In questo scenario caotico coesistono realtà diverse che reagiscono alle sollecitazioni in modi altrettanto diversi. I grandi imperi globali operano secondo ambizioni egemoniche e logiche di interesse diretto, dimostrando sempre più di non potere (o volere) farsi carico delle urgenti questioni di interesse globale. Nuove medie potenze sono alla ricerca di spazi di emancipazione e opportunità di affermazione, mentre i piccoli attori nazionali non sono più in grado di rispondere a sfide oltre la propria portata.
Le intese
Le alleanze regionali — sempre più riconosciute come l’unica forma di governance capace di ottenere risultati, interloquendo alla pari con le grandi potenze — tardano tuttavia ad affermarsi. I progetti di integrazione più avanzati, l’Unione europea in testa, soffrono delle rigide regole interne che ne rallentano le capacità decisionali. Le cooperazioni oggi emergenti, seppur dinamiche e in rapida evoluzione, sono ancora troppo deboli e frammentarie per agire come un unico blocco.

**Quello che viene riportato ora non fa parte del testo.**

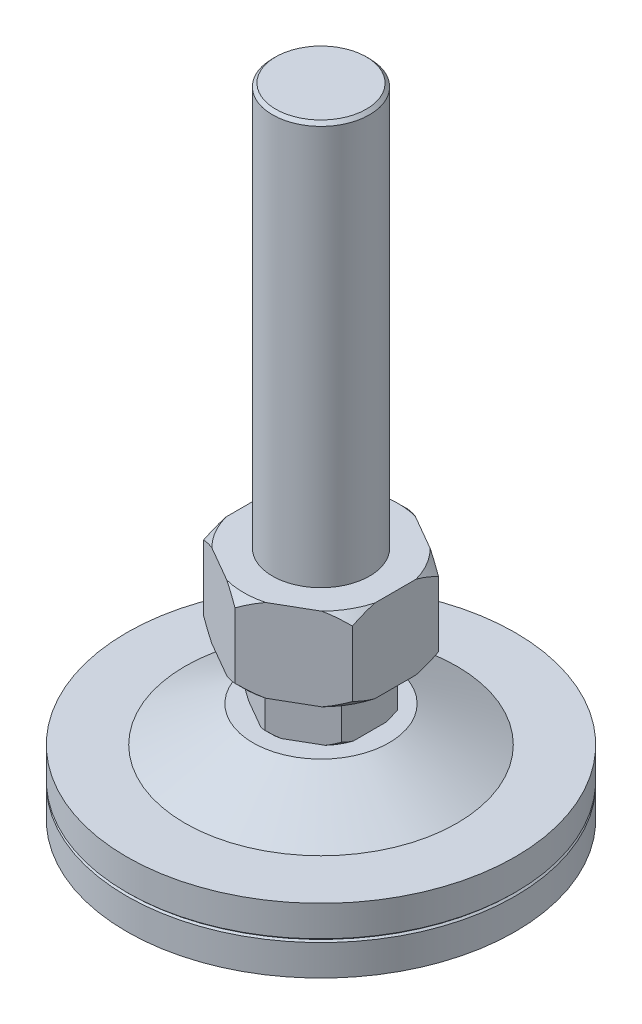
SolidWorks part; units mm, degrees
material "普通碳钢"
ref_plane "Front Plane" through (0, 0, 0) normal (0, 0, 1) x (1, 0, 0)
ref_plane "Top Plane" through (0, 0, 0) normal (0, 1, 0) x (1, 0, 0)
ref_plane "Right Plane" through (0, 0, 0) normal (1, 0, 0) x (0, 0, -1)
sketch "Sketch1" plane through (0, 0, 0) normal (0, 0, 1) x (1, 0, 0)
  line L0 (35, 0) -> (60, 0)
  line L1 (60, 0) -> (60, 9.5)
  line L2 (60, 20) -> (42, 20)
  line L3 (42, 20) -> (21, 31)
  line L4 (21, 31) -> (15, 31)
  line L5 (15, 31) -> (15, 197)
  line L6 (15, 197) -> (0, 197)
  line L7 (0, 197) -> (0, 15)
  line L8 (60, 10) -> (59.189, 10) construction
  line L9 (60, 10.5) -> (59.5, 10)
  line L10 (59.5, 10) -> (60, 9.5)
  line L11 (0, 15) -> (14, 15)
  line L12 (14, 15) -> (35, 0)
  line L13 (66, 0) -> (-66, 0) construction
  line L14 (60, 10.5) -> (60, 20)
  line L15 (0, 15) -> (0, 0) construction
  point P0 (7.5, 197)
  dimension "D1" = 20
  dimension "D2" = 197
  dimension "D3" = 15
  dimension "D4" = 6
  dimension "D5" = 31
  dimension "D6" = 18
  dimension "D7" = 60
  dimension "D8" = 10
  dimension "D9" = 0.5
  dimension "D10" = 1
  dimension "D11" = 0.5
  dimension "D12" = 15
  dimension "D13" = 25
  dimension "D14" = 14
  dimension "D15" = 45
revolve "Revolve1" add sketch "Sketch1" angle 360 about L7
cosmetic thread "Cosmetic Thread1" parameters "D2"=29
cosmetic thread "Cosmetic Thread2" parameters "D2"=29
sketch "Sketch2" plane through (0, 31, 0) normal (0, 1, 0) x (1, 0, 0)
  line L1 (15, 8.6603) -> (0, 17.3205)
  line L2 (0, 17.3205) -> (-15, 8.6603)
  line L3 (-15, 8.6603) -> (-15, -8.6603)
  line L4 (-15, -8.6603) -> (0, -17.3205)
  line L5 (0, -17.3205) -> (15, -8.6603)
  line L6 (15, -8.6603) -> (15, 8.6603)
  circle A0 centre (0, 0) radius 15 construction
  dimension "D1" = 30
extrude "Boss-Extrude1" add sketch "Sketch2" along normal blind 15
sketch "Sketch3" plane through (0, 0, 0) normal (1, 0, 0) x (0, 0, -1)
  line L0 (15.8205, 31) -> (17.3205, 32.5)
  line L1 (8.6603, 31) -> (17.3205, 31) construction
  line L2 (17.3205, 46) -> (17.3205, 31) construction
  line L3 (17.3205, 32.5) -> (17.3205, 31)
  line L4 (17.3205, 44.5) -> (15.8205, 46)
  line L5 (8.6603, 46) -> (12.9904, 46) construction
  line L6 (15.8205, 46) -> (17.3205, 46)
  line L7 (17.3205, 46) -> (17.3205, 44.5)
  line L8 (21, 31) -> (-21, 31) construction
  line L9 (17.3205, 31) -> (15.8205, 31)
  dimension "D1" = 45
  dimension "D2" = 1.5
  dimension "D3" = 45
  dimension "D4" = 1.5
revolve "Cut-Revolve1" cut sketch "Sketch3" angle 360 about axis through (0, 197, 0) along (0, 1, 0)
ref_plane "Plane1" through (0, 47, 0) normal (0, 1, 0) x (-1, 0, 0)
sketch "Sketch5" plane through (0, 47, 0) normal (0, 1, 0) x (-1, 0, 0)
  line L1 (0, 26.5581) -> (-23, 13.2791)
  line L2 (-23, 13.2791) -> (-23, -13.2791)
  line L3 (-23, -13.2791) -> (0, -26.5581)
  line L4 (0, -26.5581) -> (23, -13.2791)
  line L5 (23, -13.2791) -> (23, 13.2791)
  line L6 (23, 13.2791) -> (0, 26.5581)
  circle A0 centre (0, 0) radius 23 construction
  circle A1 centre (0, 0) radius 15
  dimension "D1" = 46
  dimension "D2" = 30
extrude "Boss-Extrude2" add sketch "Sketch5" along normal blind 25.6
sketch "Sketch7" plane through (0, 0, 0) normal (1, 0, 0) x (0, 0, -1)
  line L0 (23.8581, 72.6) -> (26.5581, 69.9)
  line L1 (13.2791, 72.6) -> (26.5581, 72.6) construction
  line L2 (26.5581, 72.6) -> (26.5581, 47) construction
  line L3 (26.5581, 69.9) -> (26.5581, 72.6)
  line L4 (26.5581, 72.6) -> (23.8581, 72.6)
  line L5 (23.8581, 47) -> (26.5581, 49.7)
  line L6 (23.1, 47) -> (-23.1, 47) construction
  line L7 (26.5581, 49.7) -> (26.5581, 47)
  line L8 (26.5581, 47) -> (23.8581, 47)
  dimension "D1" = 45
  dimension "D2" = 2.7
  dimension "D3" = 2.7
  dimension "D4" = 45
revolve "Cut-Revolve3" cut sketch "Sketch7" angle 360 about axis through (0, 197, 0) along (0, 1, 0)
chamfer "Chamfer1" distance 1 angle 45 1 edges at (-15, 197, 0)

Negli ultimi anni si è sentito allora il bisogno di congegnare uno strumento diverso, una nuova forma di cooperazione internazionale capace di proiettarsi verso un regionalismo solido, ma sufficientemente agile per operare sulle criticità immediate: il “minilateralismo”.
Si tratta di associazioni più “semplici" e ristrette, talvolta informali, definite sulla base di obiettivi e collaborazioni su temi specifici. Il mondo se ne sta riempiendo: dalla cooperazione tra Indonesia, Malesia e Filippine per la lotta contro la pirateria e il terrorismo internazionale, al Consiglio di Cooperazione degli stati del Golfo Persico in ambito commerciale, scientifico e militare.
Nessuno dei partecipanti è allineato del tutto con gli altri, ma intanto il comune interesse è stato messo al riparo da conflitti, instabilità e interventi stranieri. L’auspicio inderogabile, tuttavia, è che un giorno queste alleanze, oggi basate esclusivamente sugli interessi, si trasformino in percorsi di integrazione più consolidati, in cui anche valori e visioni vengano condivisi. Gli Accordi di Abramo hanno evidenziato, in modo drammatico, come non basti aprire commerci e rotte aeree per evitare le guerre.
Una strada da percorrere
Ma il minilateralismo può essere funzionale non solo là dove il regionalismo è ancora nella fase nascente. Si pensi ad esempio come nello stesso contesto europeo esso potrebbe offrire architetture di cooperazione non alternative, bensì ausiliarie all’Unione stessa: accordi su questioni ben designate e ristretti a pochi contraenti, ma per loro natura più pronti e responsivi. Così, se la cooperazione integrata e unanime — dalla difesa comune alle politiche migratorie — pare oggi un traguardo ancora lontano, nuovi schemi “minilaterali” potrebbero dare risposte più rapide ed efficaci.
Sarebbe un buon esercizio per affacciarci più pragmaticamente al multilateralismo di domani: capace di dialogare con le grandi potenze e utile a quegli attori che non vogliono trovarsi alla mercé delle rivalità globali: “oggetti” sul tavolo dei negoziati anziché “soggetti” attorno ad esso.
Costruire questo nuovo equilibrio non è immediato: serve un cambio di mentalità ancora prima di decisioni politiche. Cercare di crescere da soli, a discapito degli altri, è un buon modo per aumentare il disordine, ma trovare nuovi modi per lavorare assieme non può che aiutare a raffreddare, almeno un po’, questo nostro mondo.